Il padre della legge dei parchi ci affida il promemoria per il governo italiano: la manutenzione dei beni pubblici
Morti e distruzioni anche nelle miti e virtuose Marche. L’Italia torna a svegliarsi dolorosamente sorpresa da un numero crescente di eventi meteorologici estremi. Stiamo pagando un conto molto salato, ma non imprevisto (più volte al centro dei testi su questo blog). Paghiamo per i mutamenti climatici, certo, ma soprattutto per i ritardi nell’adattarci, come singoli e come istituzioni, come sistema Paese, a fenomeni sempre più frequenti.
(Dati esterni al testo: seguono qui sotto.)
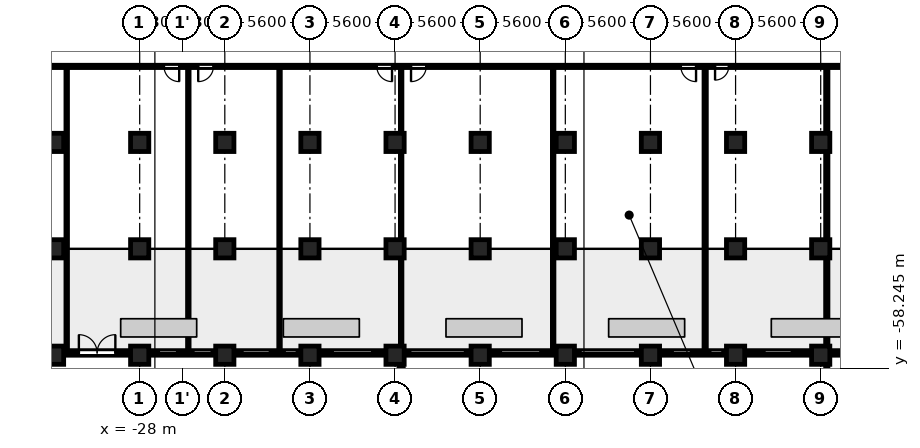
"""IFC4 building model, lengths in metres.
Left out: names, types, materials, properties, quantities, classifications, styles, units other than length and angle.
Written with IfcOpenShell. Run it as: python <this file> out.ifc"""

import sys

from ifc_helpers import new_model, si_unit, direction, frame, frame_2d, origin, origin_2d, place, context, subcontext, project, spatial, rectangle, circle, extrude, element, fill, save


model = new_model("IFC4")
c1 = context("Model", 3, precision=1e-05, world=origin(), true_north=direction((0.0, 1.0)))
c2 = subcontext(c1, "Body", "Model", "MODEL_VIEW")
j1 = project(units=[si_unit("LENGTHUNIT", "METRE"), si_unit("PLANEANGLEUNIT", "RADIAN")], contexts=[c1])
p1 = place(None, origin())
s1 = spatial("IfcSite", under=j1, at=p1, CompositionType="ELEMENT")
p2 = place(p1, origin())
s2 = spatial("IfcBuilding", under=s1, at=p2, CompositionType="ELEMENT")
p3 = place(p2, frame((0.0, 0.0, 6.5)))
s3 = spatial("IfcBuildingStorey", under=s2, at=p3, CompositionType="ELEMENT", Elevation=6.5)
for number, where, z_axis, x_axis in (
    (1, (-33.6, -43.4, 0.0), (0.0, 0.0, 1.0), (1.0, 0.0, 0.0)),
    (2, (-28.0, -43.4, 0.0), (0.0, 0.0, 1.0), (1.0, 0.0, 0.0)),
    (3, (-22.4, -43.4, 0.0), (0.0, 0.0, 1.0), (1.0, 0.0, 0.0)),
    (4, (-16.8, -43.4, 0.0), (0.0, 0.0, 1.0), (1.0, 0.0, 0.0)),
    (5, (-11.2, -43.4, 0.0), (0.0, 0.0, 1.0), (1.0, 0.0, 0.0)),
    (6, (-5.6, -43.4, 0.0), (0.0, 0.0, 1.0), (1.0, 0.0, 0.0)),
    (7, (0.0, -43.4, 0.0), (0.0, 0.0, 1.0), (1.0, 0.0, 0.0)),
    (8, (5.6, -43.4, 0.0), (0.0, 0.0, 1.0), (1.0, 0.0, 0.0)),
    (9, (11.2, -43.4, 0.0), (0.0, 0.0, 1.0), (1.0, 0.0, 0.0)),
    (10, (16.8, -43.4, 0.0), (0.0, 0.0, 1.0), (1.0, 0.0, 0.0)),
    (11, (-33.6, -50.4, 0.0), (0.0, 0.0, 1.0), (1.0, 0.0, 0.0)),
    (12, (-28.0, -50.4, 0.0), (0.0, 0.0, 1.0), (1.0, 0.0, 0.0)),
    (13, (-22.4, -50.4, 0.0), (0.0, 0.0, 1.0), (1.0, 0.0, 0.0)),
    (14, (-16.8, -50.4, 0.0), (0.0, 0.0, 1.0), (1.0, 0.0, 0.0)),
    (15, (-11.2, -50.4, 0.0), (0.0, 0.0, 1.0), (1.0, 0.0, 0.0)),
    (16, (-5.6, -50.4, 0.0), (0.0, 0.0, 1.0), (1.0, 0.0, 0.0)),
    (17, (0.0, -50.4, 0.0), (0.0, 0.0, 1.0), (1.0, 0.0, 0.0)),
    (18, (5.6, -50.4, 0.0), (0.0, 0.0, 1.0), (1.0, 0.0, 0.0)),
    (19, (11.2, -50.4, 0.0), (0.0, 0.0, 1.0), (1.0, 0.0, 0.0)),
    (20, (16.8, -50.4, 0.0), (0.0, 0.0, 1.0), (1.0, 0.0, 0.0)),
    (21, (-33.6, -57.4, 0.0), (0.0, 0.0, 1.0), (1.0, 0.0, 0.0)),
    (22, (-28.0, -57.4, 0.0), (0.0, 0.0, 1.0), (1.0, 0.0, 0.0)),
    (23, (-22.4, -57.4, 0.0), (0.0, 0.0, 1.0), (1.0, 0.0, 0.0)),
    (24, (-16.8, -57.4, 0.0), (0.0, 0.0, 1.0), (1.0, 0.0, 0.0)),
    (25, (-11.2, -57.4, 0.0), (0.0, 0.0, 1.0), (1.0, 0.0, 0.0)),
    (26, (-5.6, -57.4, 0.0), (0.0, 0.0, 1.0), (1.0, 0.0, 0.0)),
    (27, (0.0, -57.4, 0.0), (0.0, 0.0, 1.0), (1.0, 0.0, 0.0)),
    (28, (5.6, -57.4, 0.0), (0.0, 0.0, 1.0), (1.0, 0.0, 0.0)),
    (29, (11.2, -57.4, 0.0), (0.0, 0.0, 1.0), (1.0, 0.0, 0.0)),
    (30, (16.8, -57.4, 0.0), (0.0, 0.0, 1.0), (1.0, 0.0, 0.0)),
):
    element("IfcColumn", number, at=place(p3, frame(where, z_axis=z_axis, x_axis=x_axis)), inside=s3, PredefinedType="COLUMN", context=c2, shape_type="SweptSolid", body=[
        extrude(circle(Radius=0.6, at=origin_2d()), origin(), (0.0, 0.0, 1.0), 4.8),
    ])
p4 = place(p3, frame((-33.0, -57.25, 0.0), z_axis=(0.0, 0.0, 1.0), x_axis=(1.0, 0.0, 0.0)))
e31 = element("IfcWall", 31, at=p4, inside=s3, PredefinedType="SOLIDWALL", context=c2, shape_type="SweptSolid", body=[
    extrude(rectangle(XDim=4.4, YDim=0.3, at=frame_2d((2.2, 0.0))), origin(), (0.0, 0.0, 1.0), 3.65),
])
p5 = place(p4, frame((1.0, 0.0, 0.0)))
e32 = element("IfcOpeningElement", 32, at=p5, cuts=e31, PredefinedType="OPENING", context=c2, shape_type="SweptSolid", body=[
    extrude(rectangle(XDim=2.4, YDim=2.3, at=frame_2d((1.2, 1.15))), frame((0.0, 0.16, 0.0), z_axis=(0.0, -1.0, 0.0), x_axis=(1.0, 0.0, 0.0)), (0.0, 0.0, 1.0), 0.32),
])
p6 = place(p3, frame((-27.4, -57.25, 0.0), z_axis=(0.0, 0.0, 1.0), x_axis=(1.0, 0.0, 0.0)))
e33 = element("IfcWall", 33, at=p6, inside=s3, PredefinedType="SOLIDWALL", context=c2, shape_type="SweptSolid", body=[
    extrude(rectangle(XDim=4.4, YDim=0.3, at=frame_2d((2.2, 0.0))), origin(), (0.0, 0.0, 1.0), 3.65),
])
p7 = place(p6, frame((0.663, 0.0, 0.6)))
e34 = element("IfcOpeningElement", 34, at=p7, cuts=e33, PredefinedType="OPENING", context=c2, shape_type="SweptSolid", body=[
    extrude(rectangle(XDim=1.2, YDim=1.55, at=frame_2d((0.6, 0.775))), frame((0.0, 0.16, 0.0), z_axis=(0.0, -1.0, 0.0), x_axis=(1.0, 0.0, 0.0)), (0.0, 0.0, 1.0), 0.32),
])
p8 = place(p6, frame((2.938, 0.0, 0.6)))
e35 = element("IfcOpeningElement", 35, at=p8, cuts=e33, PredefinedType="OPENING", context=c2, shape_type="SweptSolid", body=[
    extrude(rectangle(XDim=1.2, YDim=1.55, at=frame_2d((0.6, 0.775))), frame((0.0, 0.16, 0.0), z_axis=(0.0, -1.0, 0.0), x_axis=(1.0, 0.0, 0.0)), (0.0, 0.0, 1.0), 0.32),
])
p9 = place(p3, frame((-21.8, -57.25, 0.0), z_axis=(0.0, 0.0, 1.0), x_axis=(1.0, 0.0, 0.0)))
e36 = element("IfcWall", 36, at=p9, inside=s3, PredefinedType="SOLIDWALL", context=c2, shape_type="SweptSolid", body=[
    extrude(rectangle(XDim=4.4, YDim=0.3, at=frame_2d((2.2, 0.0))), origin(), (0.0, 0.0, 1.0), 3.65),
])
p10 = place(p9, frame((0.562, 0.0, 0.9)))
e37 = element("IfcOpeningElement", 37, at=p10, cuts=e36, PredefinedType="OPENING", context=c2, shape_type="SweptSolid", body=[
    extrude(rectangle(XDim=1.8, YDim=1.25, at=frame_2d((0.9, 0.625))), frame((0.0, 0.16, 0.0), z_axis=(0.0, -1.0, 0.0), x_axis=(1.0, 0.0, 0.0)), (0.0, 0.0, 1.0), 0.32),
])
p11 = place(p9, frame((3.337, 0.0, 0.6)))
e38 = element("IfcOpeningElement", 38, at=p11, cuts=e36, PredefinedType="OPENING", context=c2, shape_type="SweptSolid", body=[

Nel Piano di spesa delle risorse del Recovery Fund europeo diamo la precedenza, con la salute, al recupero e a far ritrovare la “buona salute” a ponti e strade, edifici scolastici e acquedotti. Seguiamo le istruzioni che ci vengono da chi, sui grandi giornali, alza spesso gli occhi per scrutare il nostro orizzonte comune (per tutti cito i testi di Gian Antonio Stella sul Corriere della Sera, “La nostra terra da riparare”, fresco premiato con il Cervia Ambiente per il suo film con Andrea Segre sulla memoria dell’alluvione del Po: Antonio Maria Mira, “Adattarci tutti per sopravvivere” editoriale su Avvenire del 17: e il costruttivo intervento di Marco Merola sul progetto “Adaptation” che trovate sul nuovo libro da me curato, “Acqua ultima chiamata”).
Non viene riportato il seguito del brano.